The writer Julian Barnes, considering mourning, once said, “It hurts just as much as it is worth.” In fact, it was a friend of his who wrote the line in a letter of condolence, and Julian told it to my husband, who told it to me. For months afterward these words stuck with both of us, so clear and so brutal. It hurts just as much as it is worth. What an arrangement. Why would anyone accept such a crazy deal? Surely if we were sane and reasonable we would every time choose a pleasure over a joy, as animals themselves sensibly do.”
The paths not taken
In the morning, I walk with my daughter through a church graveyard on the way to school.
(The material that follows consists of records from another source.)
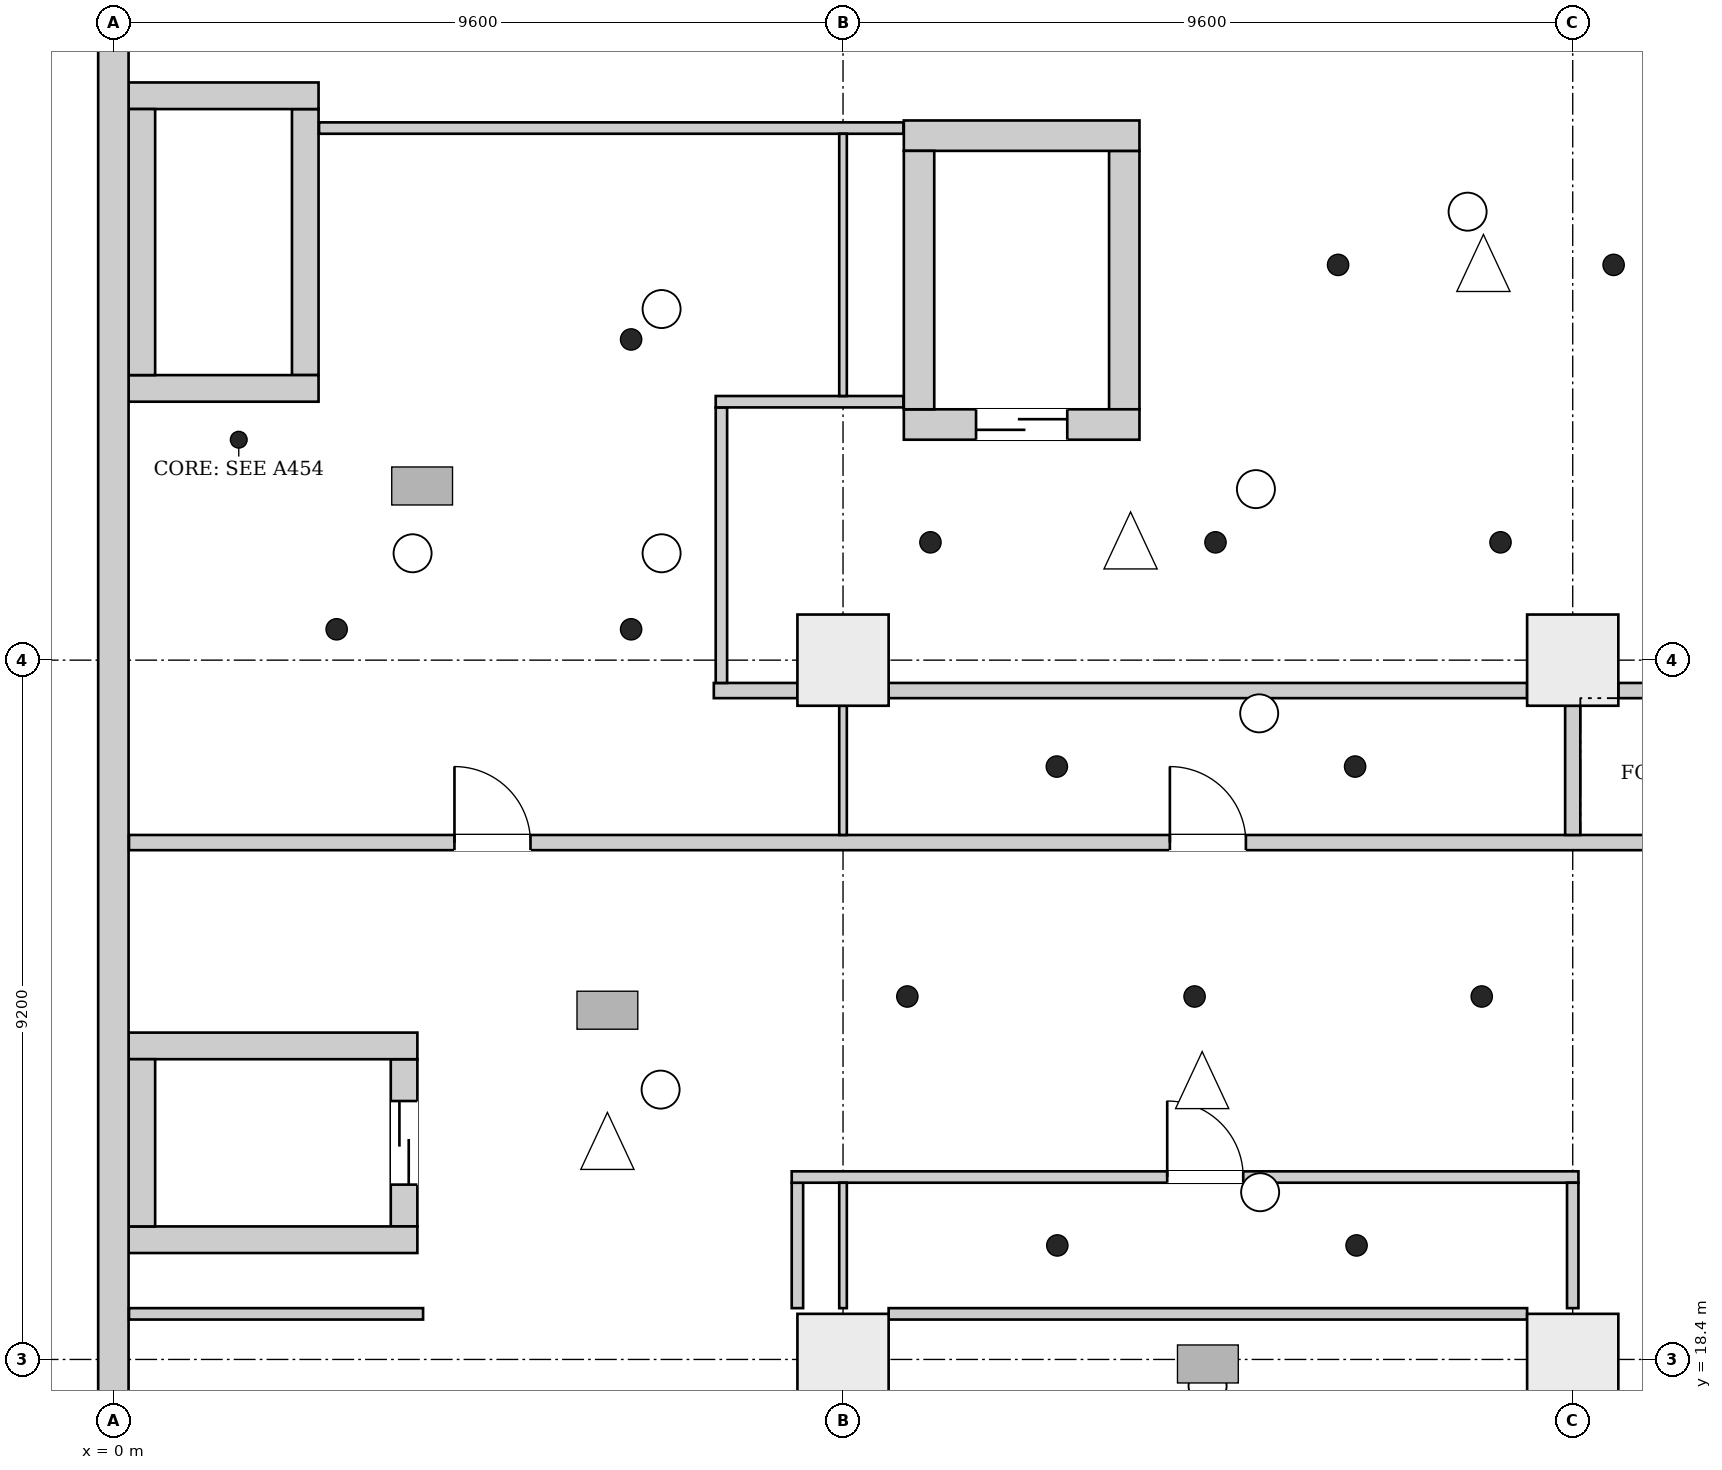
"""IFC4 building model, lengths in metres.
Left out: names, types, materials, properties, quantities, classifications, styles, units other than length and angle.
Written with IfcOpenShell. Run it as: python <this file> out.ifc"""

import sys

from ifc_helpers import new_model, si_unit, direction, frame, frame_2d, origin, origin_2d, place, context, subcontext, project, spatial, rectangle, extrude, element, fill, save


model = new_model("IFC4")
c1 = context("Model", 3, precision=1e-05, world=origin(), true_north=direction((0.0, 1.0)))
c2 = subcontext(c1, "Body", "Model", "MODEL_VIEW")
j1 = project(units=[si_unit("LENGTHUNIT", "METRE"), si_unit("PLANEANGLEUNIT", "RADIAN")], contexts=[c1])
p1 = place(None, origin())
s1 = spatial("IfcSite", under=j1, at=p1, CompositionType="ELEMENT")
p2 = place(p1, origin())
s2 = spatial("IfcBuilding", under=s1, at=p2, CompositionType="ELEMENT")
p3 = place(p2, frame((0.0, 0.0, 14.2)))
s3 = spatial("IfcBuildingStorey", under=s2, at=p3, CompositionType="ELEMENT", Elevation=14.2)
p4 = place(p3, frame((0.0, -0.2, 0.0), z_axis=(0.0, 0.0, 1.0), x_axis=(0.0, 1.0, 0.0)))
e1 = element("IfcWall", 1, at=p4, inside=s3, PredefinedType="SHEAR", context=c2, shape_type="SweptSolid", body=[
    extrude(rectangle(XDim=46.88, YDim=0.4, at=frame_2d((23.44, 0.0))), origin(), (0.0, 0.0, 1.0), 7.5),
])
for number, where, z_axis, x_axis in (
    (2, (0.2, 19.975, 0.0), (0.0, 0.0, 1.0), (1.0, 0.0, 0.0)),
    (3, (0.2, 22.525, 0.0), (0.0, 0.0, 1.0), (1.0, 0.0, 0.0)),
):
    element("IfcWall", number, at=place(p3, frame(where, z_axis=z_axis, x_axis=x_axis)), inside=s3, PredefinedType="SHEAR", context=c2, shape_type="SweptSolid", body=[
        extrude(rectangle(XDim=3.8, YDim=0.35, at=frame_2d((1.9, 0.0))), origin(), (0.0, 0.0, 1.0), 7.5),
    ])
p5 = place(p3, frame((0.375, 20.15, 0.0), z_axis=(0.0, 0.0, 1.0), x_axis=(0.0, 1.0, 0.0)))
e4 = element("IfcWall", 4, at=p5, inside=s3, PredefinedType="SHEAR", context=c2, shape_type="SweptSolid", body=[
    extrude(rectangle(XDim=2.2, YDim=0.35, at=frame_2d((1.1, 0.0))), origin(), (0.0, 0.0, 1.0), 7.5),
])
p6 = place(p3, frame((3.825, 20.15, 0.0), z_axis=(0.0, 0.0, 1.0), x_axis=(0.0, 1.0, 0.0)))
e5 = element("IfcWall", 5, at=p6, inside=s3, PredefinedType="SHEAR", context=c2, shape_type="SweptSolid", body=[
    extrude(rectangle(XDim=2.2, YDim=0.35, at=frame_2d((1.1, 0.0))), origin(), (0.0, 0.0, 1.0), 7.5),
])
p7 = place(p6, frame((0.55, 0.0, 0.0)))
e6 = element("IfcOpeningElement", 6, at=p7, cuts=e5, PredefinedType="OPENING", context=c2, shape_type="SweptSolid", body=[
    extrude(rectangle(XDim=1.1, YDim=2.1, at=frame_2d((0.55, 1.05))), frame((0.0, 0.185, 0.0), z_axis=(0.0, -1.0, 0.0), x_axis=(1.0, 0.0, 0.0)), (0.0, 0.0, 1.0), 0.37),
])
for number, where, z_axis, x_axis in (
    (7, (0.2, 31.175, 0.0), (0.0, 0.0, 1.0), (1.0, 0.0, 0.0)),
    (8, (0.2, 35.025, 0.0), (0.0, 0.0, 1.0), (1.0, 0.0, 0.0)),
):
    element("IfcWall", number, at=place(p3, frame(where, z_axis=z_axis, x_axis=x_axis)), inside=s3, PredefinedType="SHEAR", context=c2, shape_type="SweptSolid", body=[
        extrude(rectangle(XDim=2.5, YDim=0.35, at=frame_2d((1.25, 0.0))), origin(), (0.0, 0.0, 1.0), 7.5),
    ])
for number, where, z_axis, x_axis in (
    (9, (0.375, 31.35, 0.0), (0.0, 0.0, 1.0), (0.0, 1.0, 0.0)),
    (10, (2.525, 31.35, 0.0), (0.0, 0.0, 1.0), (0.0, 1.0, 0.0)),
):
    element("IfcWall", number, at=place(p3, frame(where, z_axis=z_axis, x_axis=x_axis)), inside=s3, PredefinedType="SHEAR", context=c2, shape_type="SweptSolid", body=[
        extrude(rectangle(XDim=3.5, YDim=0.35, at=frame_2d((1.75, 0.0))), origin(), (0.0, 0.0, 1.0), 7.5),
    ])
p8 = place(p3, frame((10.4, 30.7, 0.0), z_axis=(0.0, 0.0, 1.0), x_axis=(1.0, 0.0, 0.0)))
e11 = element("IfcWall", 11, at=p8, inside=s3, PredefinedType="SHEAR", context=c2, shape_type="SweptSolid", body=[
    extrude(rectangle(XDim=3.1, YDim=0.4, at=frame_2d((1.55, 0.0))), origin(), (0.0, 0.0, 1.0), 7.5),
])
p9 = place(p8, frame((0.95, 0.0, 0.0)))
e12 = element("IfcOpeningElement", 12, at=p9, cuts=e11, PredefinedType="OPENING", context=c2, shape_type="SweptSolid", body=[
    extrude(rectangle(XDim=1.2, YDim=2.1, at=frame_2d((0.6, 1.05))), frame((0.0, 0.21, 0.0), z_axis=(0.0, -1.0, 0.0), x_axis=(1.0, 0.0, 0.0)), (0.0, 0.0, 1.0), 0.42),
])
p10 = place(p3, frame((10.4, 34.5, 0.0), z_axis=(0.0, 0.0, 1.0), x_axis=(1.0, 0.0, 0.0)))
e13 = element("IfcWall", 13, at=p10, inside=s3, PredefinedType="SHEAR", context=c2, shape_type="SweptSolid", body=[
    extrude(rectangle(XDim=3.1, YDim=0.4, at=frame_2d((1.55, 0.0))), origin(), (0.0, 0.0, 1.0), 7.5),
])
for number, where, z_axis, x_axis in (
    (14, (10.6, 30.9, 0.0), (0.0, 0.0, 1.0), (0.0, 1.0, 0.0)),
    (15, (13.3, 30.9, 0.0), (0.0, 0.0, 1.0), (0.0, 1.0, 0.0)),
):
    element("IfcWall", number, at=place(p3, frame(where, z_axis=z_axis, x_axis=x_axis)), inside=s3, PredefinedType="SHEAR", context=c2, shape_type="SweptSolid", body=[
        extrude(rectangle(XDim=3.4, YDim=0.4, at=frame_2d((1.7, 0.0))), origin(), (0.0, 0.0, 1.0), 7.5),
    ])
for number, where, z_axis, x_axis in (
    (16, (9.6, 18.4, 0.0), (0.0, 0.0, 1.0), (1.0, 0.0, 0.0)),
    (17, (19.2, 18.4, 0.0), (0.0, 0.0, 1.0), (1.0, 0.0, 0.0)),
    (18, (9.6, 27.6, 0.0), (0.0, 0.0, 1.0), (1.0, 0.0, 0.0)),
    (19, (19.2, 27.6, 0.0), (0.0, 0.0, 1.0), (1.0, 0.0, 0.0)),
):
    element("IfcColumn", number, at=place(p3, frame(where, z_axis=z_axis, x_axis=x_axis)), inside=s3, PredefinedType="COLUMN", context=c2, shape_type="SweptSolid", body=[
        extrude(rectangle(XDim=1.2, YDim=1.2, at=origin_2d()), origin(), (0.0, 0.0, 1.0), 7.5),
    ])
p11 = place(p3, frame((0.206, 19.0, 0.0), z_axis=(0.0, 0.0, 1.0), x_axis=(1.0, 0.0, 0.0)))
e20 = element("IfcWall", 20, at=p11, inside=s3, PredefinedType="PARTITIONING", context=c2, shape_type="SweptSolid", body=[
    extrude(rectangle(XDim=3.869, YDim=0.15, at=frame_2d((1.935, 0.0))), origin(), (0.0, 0.0, 1.0), 7.15),
])
p12 = place(p3, frame((0.206, 25.2, 0.0), z_axis=(0.0, 0.0, 1.0), x_axis=(1.0, 0.0, 0.0)))
e21 = element("IfcWall", 21, at=p12, inside=s3, PredefinedType="PARTITIONING", context=c2, shape_type="SweptSolid", body=[
    extrude(rectangle(XDim=54.488, YDim=0.2, at=frame_2d((27.244, 0.0))), origin(), (0.0, 0.0, 1.0), 7.15),
])
p13 = place(p12, frame((4.282, 0.0, 0.0)))
e22 = element("IfcOpeningElement", 22, at=p13, cuts=e21, PredefinedType="OPENING", context=c2, shape_type="SweptSolid", body=[
    extrude(rectangle(XDim=1.0, YDim=2.1, at=frame_2d((0.5, 1.05))), frame((0.0, 0.11, 0.0), z_axis=(0.0, -1.0, 0.0), x_axis=(1.0, 0.0, 0.0)), (0.0, 0.0, 1.0), 0.22),
])
p14 = place(p12, frame((13.694, 0.0, 0.0)))
e23 = element("IfcOpeningElement", 23, at=p14, cuts=e21, PredefinedType="OPENING", context=c2, shape_type="SweptSolid", body=[
    extrude(rectangle(XDim=1.0, YDim=2.1, at=frame_2d((0.5, 1.05))), frame((0.0, 0.11, 0.0), z_axis=(0.0, -1.0, 0.0), x_axis=(1.0, 0.0, 0.0)), (0.0, 0.0, 1.0), 0.22),
])
p15 = place(p12, frame((23.294, 0.0, 0.0)))
e24 = element("IfcOpeningElement", 24, at=p15, cuts=e21, PredefinedType="OPENING", context=c2, shape_type="SweptSolid", body=[
    extrude(rectangle(XDim=1.0, YDim=2.1, at=frame_2d((0.5, 1.05))), frame((0.0, 0.11, 0.0), z_axis=(0.0, -1.0, 0.0), x_axis=(1.0, 0.0, 0.0)), (0.0, 0.0, 1.0), 0.22),
])
p16 = place(p12, frame((32.894, 0.0, 0.0)))
e25 = element("IfcOpeningElement", 25, at=p16, cuts=e21, PredefinedType="OPENING", context=c2, shape_type="SweptSolid", body=[
    extrude(rectangle(XDim=1.0, YDim=2.1, at=frame_2d((0.5, 1.05))), frame((0.0, 0.11, 0.0), z_axis=(0.0, -1.0, 0.0), x_axis=(1.0, 0.0, 0.0)), (0.0, 0.0, 1.0), 0.22),
])
p17 = place(p12, frame((42.494, 0.0, 0.0)))
e26 = element("IfcOpeningElement", 26, at=p17, cuts=e21, PredefinedType="OPENING", context=c2, shape_type="SweptSolid", body=[
    extrude(rectangle(XDim=1.0, YDim=2.1, at=frame_2d((0.5, 1.05))), frame((0.0, 0.11, 0.0), z_axis=(0.0, -1.0, 0.0), x_axis=(1.0, 0.0, 0.0)), (0.0, 0.0, 1.0), 0.22),
])
p18 = place(p12, frame((50.556, 0.0, 0.0)))
e27 = element("IfcOpeningElement", 27, at=p18, cuts=e21, PredefinedType="OPENING", context=c2, shape_type="SweptSolid", body=[
    extrude(rectangle(XDim=1.0, YDim=2.1, at=frame_2d((0.5, 1.05))), frame((0.0, 0.11, 0.0), z_axis=(0.0, -1.0, 0.0), x_axis=(1.0, 0.0, 0.0)), (0.0, 0.0, 1.0), 0.22),
])
p19 = place(p3, frame((2.706, 34.6, 0.0), z_axis=(0.0, 0.0, 1.0), x_axis=(1.0, 0.0, 0.0)))
e28 = element("IfcWall", 28, at=p19, inside=s3, PredefinedType="PARTITIONING", context=c2, shape_type="SweptSolid", body=[
    extrude(rectangle(XDim=7.688, YDim=0.15, at=frame_2d((3.844, 0.0))), origin(), (0.0, 0.0, 1.0), 7.15),
])
p20 = place(p3, frame((7.9, 27.2, 0.0), z_axis=(0.0, 0.0, 1.0), x_axis=(1.0, 0.0, 0.0)))
e29 = element("IfcWall", 29, at=p20, inside=s3, PredefinedType="PARTITIONING", context=c2, shape_type="SweptSolid", body=[
    extrude(rectangle(XDim=1.1, YDim=0.2, at=frame_2d((0.55, 0.0))), origin(), (0.0, 0.0, 1.0), 7.15),
])
p21 = place(p3, frame((8.0, 27.3, 0.0), z_axis=(0.0, 0.0, 1.0), x_axis=(0.0, 1.0, 0.0)))
e30 = element("IfcWall", 30, at=p21, inside=s3, PredefinedType="PARTITIONING", context=c2, shape_type="SweptSolid", body=[
    extrude(rectangle(XDim=3.625, YDim=0.15, at=frame_2d((1.812, 0.0))), origin(), (0.0, 0.0, 1.0), 7.15),
])
p22 = place(p3, frame((7.925, 31.0, 0.0), z_axis=(0.0, 0.0, 1.0), x_axis=(1.0, 0.0, 0.0)))
e31 = element("IfcWall", 31, at=p22, inside=s3, PredefinedType="PARTITIONING", context=c2, shape_type="SweptSolid", body=[
    extrude(rectangle(XDim=2.469, YDim=0.15, at=frame_2d((1.234, 0.0))), origin(), (0.0, 0.0, 1.0), 7.15),
])
p23 = place(p3, frame((9.0, 19.075, 0.0), z_axis=(0.0, 0.0, 1.0), x_axis=(0.0, 1.0, 0.0)))
e32 = element("IfcWall", 32, at=p23, inside=s3, PredefinedType="PARTITIONING", context=c2, shape_type="SweptSolid", body=[
    extrude(rectangle(XDim=1.65, YDim=0.15, at=frame_2d((0.825, 0.0))), origin(), (0.0, 0.0, 1.0), 7.15),
])
p24 = place(p3, frame((8.925, 20.8, 0.0), z_axis=(0.0, 0.0, 1.0), x_axis=(1.0, 0.0, 0.0)))
e33 = element("IfcWall", 33, at=p24, inside=s3, PredefinedType="PARTITIONING", context=c2, shape_type="SweptSolid", body=[
    extrude(rectangle(XDim=10.35, YDim=0.15, at=frame_2d((5.175, 0.0))), origin(), (0.0, 0.0, 1.0), 7.15),
])
p25 = place(p24, frame((4.94, 0.0, 0.0)))
e34 = element("IfcOpeningElement", 34, at=p25, cuts=e33, PredefinedType="OPENING", context=c2, shape_type="SweptSolid", body=[
    extrude(rectangle(XDim=1.0, YDim=2.1, at=frame_2d((0.5, 1.05))), frame((0.0, 0.085, 0.0), z_axis=(0.0, -1.0, 0.0), x_axis=(1.0, 0.0, 0.0)), (0.0, 0.0, 1.0), 0.17),
])
p26 = place(p3, frame((9.6, 19.075, 0.0), z_axis=(0.0, 0.0, 1.0), x_axis=(0.0, 1.0, 0.0)))
e35 = element("IfcWall", 35, at=p26, inside=s3, PredefinedType="PARTITIONING", context=c2, shape_type="SweptSolid", body=[
    extrude(rectangle(XDim=1.65, YDim=0.1, at=frame_2d((0.825, 0.0))), origin(), (0.0, 0.0, 1.0), 6.75),
])
p27 = place(p3, frame((9.6, 25.3, 0.0), z_axis=(0.0, 0.0, 1.0), x_axis=(0.0, 1.0, 0.0)))
e36 = element("IfcWall", 36, at=p27, inside=s3, PredefinedType="PARTITIONING", context=c2, shape_type="SweptSolid", body=[
    extrude(rectangle(XDim=1.7, YDim=0.1, at=frame_2d((0.85, 0.0))), origin(), (0.0, 0.0, 1.0), 6.75),
])
p28 = place(p3, frame((9.6, 31.075, 0.0), z_axis=(0.0, 0.0, 1.0), x_axis=(0.0, 1.0, 0.0)))
e37 = element("IfcWall", 37, at=p28, inside=s3, PredefinedType="PARTITIONING", context=c2, shape_type="SweptSolid", body=[
    extrude(rectangle(XDim=3.45, YDim=0.1, at=frame_2d((1.725, 0.0))), origin(), (0.0, 0.0, 1.0), 6.75),
])
p29 = place(p3, frame((10.2, 19.0, 0.0), z_axis=(0.0, 0.0, 1.0), x_axis=(1.0, 0.0, 0.0)))
e38 = element("IfcWall", 38, at=p29, inside=s3, PredefinedType="PARTITIONING", context=c2, shape_type="SweptSolid", body=[
    extrude(rectangle(XDim=8.4, YDim=0.15, at=frame_2d((4.2, 0.0))), origin(), (0.0, 0.0, 1.0), 7.15),
])
p30 = place(p3, frame((10.2, 27.2, 0.0), z_axis=(0.0, 0.0, 1.0), x_axis=(1.0, 0.0, 0.0)))
e39 = element("IfcWall", 39, at=p30, inside=s3, PredefinedType="PARTITIONING", context=c2, shape_type="SweptSolid", body=[
    extrude(rectangle(XDim=8.4, YDim=0.2, at=frame_2d((4.2, 0.0))), origin(), (0.0, 0.0, 1.0), 7.15),
])
p31 = place(p3, frame((19.2, 25.3, 0.0), z_axis=(0.0, 0.0, 1.0), x_axis=(0.0, 1.0, 0.0)))
e40 = element("IfcWall", 40, at=p31, inside=s3, PredefinedType="PARTITIONING", context=c2, shape_type="SweptSolid", body=[
    extrude(rectangle(XDim=1.7, YDim=0.2, at=frame_2d((0.85, 0.0))), origin(), (0.0, 0.0, 1.0), 6.75),
])
p32 = place(p3, frame((19.2, 19.075, 0.0), z_axis=(0.0, 0.0, 1.0), x_axis=(0.0, 1.0, 0.0)))
e41 = element("IfcWall", 41, at=p32, inside=s3, PredefinedType="PARTITIONING", context=c2, shape_type="SweptSolid", body=[
    extrude(rectangle(XDim=1.65, YDim=0.15, at=frame_2d((0.825, 0.0))), origin(), (0.0, 0.0, 1.0), 6.75),
])
p33 = place(p3, frame((19.8, 27.2, 0.0), z_axis=(0.0, 0.0, 1.0), x_axis=(1.0, 0.0, 0.0)))
e42 = element("IfcWall", 42, at=p33, inside=s3, PredefinedType="PARTITIONING", context=c2, shape_type="SweptSolid", body=[
    extrude(rectangle(XDim=8.4, YDim=0.2, at=frame_2d((4.2, 0.0))), origin(), (0.0, 0.0, 1.0), 7.15),
])
p34 = place(p7, origin())
e43 = element("IfcDoor", 43, at=p34, inside=s3, OperationType="DOUBLE_DOOR_SLIDING", PredefinedType="DOOR", context=c2, shape_type="SweptSolid", body=[
    extrude(rectangle(XDim=1.1, YDim=2.1, at=frame_2d((0.55, 1.05))), frame((0.0, 0.025, 0.0), z_axis=(0.0, -1.0, 0.0), x_axis=(1.0, 0.0, 0.0)), (0.0, 0.0, 1.0), 0.05),
])
fill(e6, e43)
p35 = place(p9, origin())
e44 = element("IfcDoor", 44, at=p35, inside=s3, OperationType="DOUBLE_DOOR_SLIDING", PredefinedType="DOOR", context=c2, shape_type="SweptSolid", body=[
    extrude(rectangle(XDim=1.2, YDim=2.1, at=frame_2d((0.6, 1.05))), frame((0.0, 0.025, 0.0), z_axis=(0.0, -1.0, 0.0), x_axis=(1.0, 0.0, 0.0)), (0.0, 0.0, 1.0), 0.05),
])
fill(e12, e44)
p36 = place(p25, origin())
e45 = element("IfcDoor", 45, at=p36, inside=s3, OperationType="SINGLE_SWING_LEFT", PredefinedType="DOOR", context=c2, shape_type="SweptSolid", body=[
    extrude(rectangle(XDim=1.0, YDim=2.1, at=frame_2d((0.5, 1.05))), frame((0.0, 0.025, 0.0), z_axis=(0.0, -1.0, 0.0), x_axis=(1.0, 0.0, 0.0)), (0.0, 0.0, 1.0), 0.05),
])
fill(e34, e45)
p37 = place(p13, origin())
e46 = element("IfcDoor", 46, at=p37, inside=s3, OperationType="SINGLE_SWING_LEFT", PredefinedType="DOOR", context=c2, shape_type="SweptSolid", body=[
    extrude(rectangle(XDim=1.0, YDim=2.1, at=frame_2d((0.5, 1.05))), frame((0.0, 0.025, 0.0), z_axis=(0.0, -1.0, 0.0), x_axis=(1.0, 0.0, 0.0)), (0.0, 0.0, 1.0), 0.05),
])
fill(e22, e46)
p38 = place(p14, origin())
e47 = element("IfcDoor", 47, at=p38, inside=s3, OperationType="SINGLE_SWING_LEFT", PredefinedType="DOOR", context=c2, shape_type="SweptSolid", body=[
    extrude(rectangle(XDim=1.0, YDim=2.1, at=frame_2d((0.5, 1.05))), frame((0.0, 0.025, 0.0), z_axis=(0.0, -1.0, 0.0), x_axis=(1.0, 0.0, 0.0)), (0.0, 0.0, 1.0), 0.05),
])
fill(e23, e47)
save(model, sys.argv[1])

In recent months, the gardeners have been letting it overgrow to foster a wildlife reserve, so now it is dotted with bluebells, snowdrops, and long grass. The intention is to let the flowers grow wherever they emerge.
At the centre is a wide tree, with a split trunk that parts and rejoins around a hole, before splaying out above the gravestones:
Looking at its shape one day, I realised I had seen a similar pattern elsewhere. Earlier that week, I had stumbled across Tim Urban’s simple sketch of life’s paths, past and future. It depicts the trajectories that are closed to you in the past, and the paths that still remain open.
Looking at the tree that day, reaching upwards from a landscape of bereavement and wild blooming, I felt a bit more intact. It was a small reminder that while crisis can temporarily dislocate the self and the experience of time, there is always potential.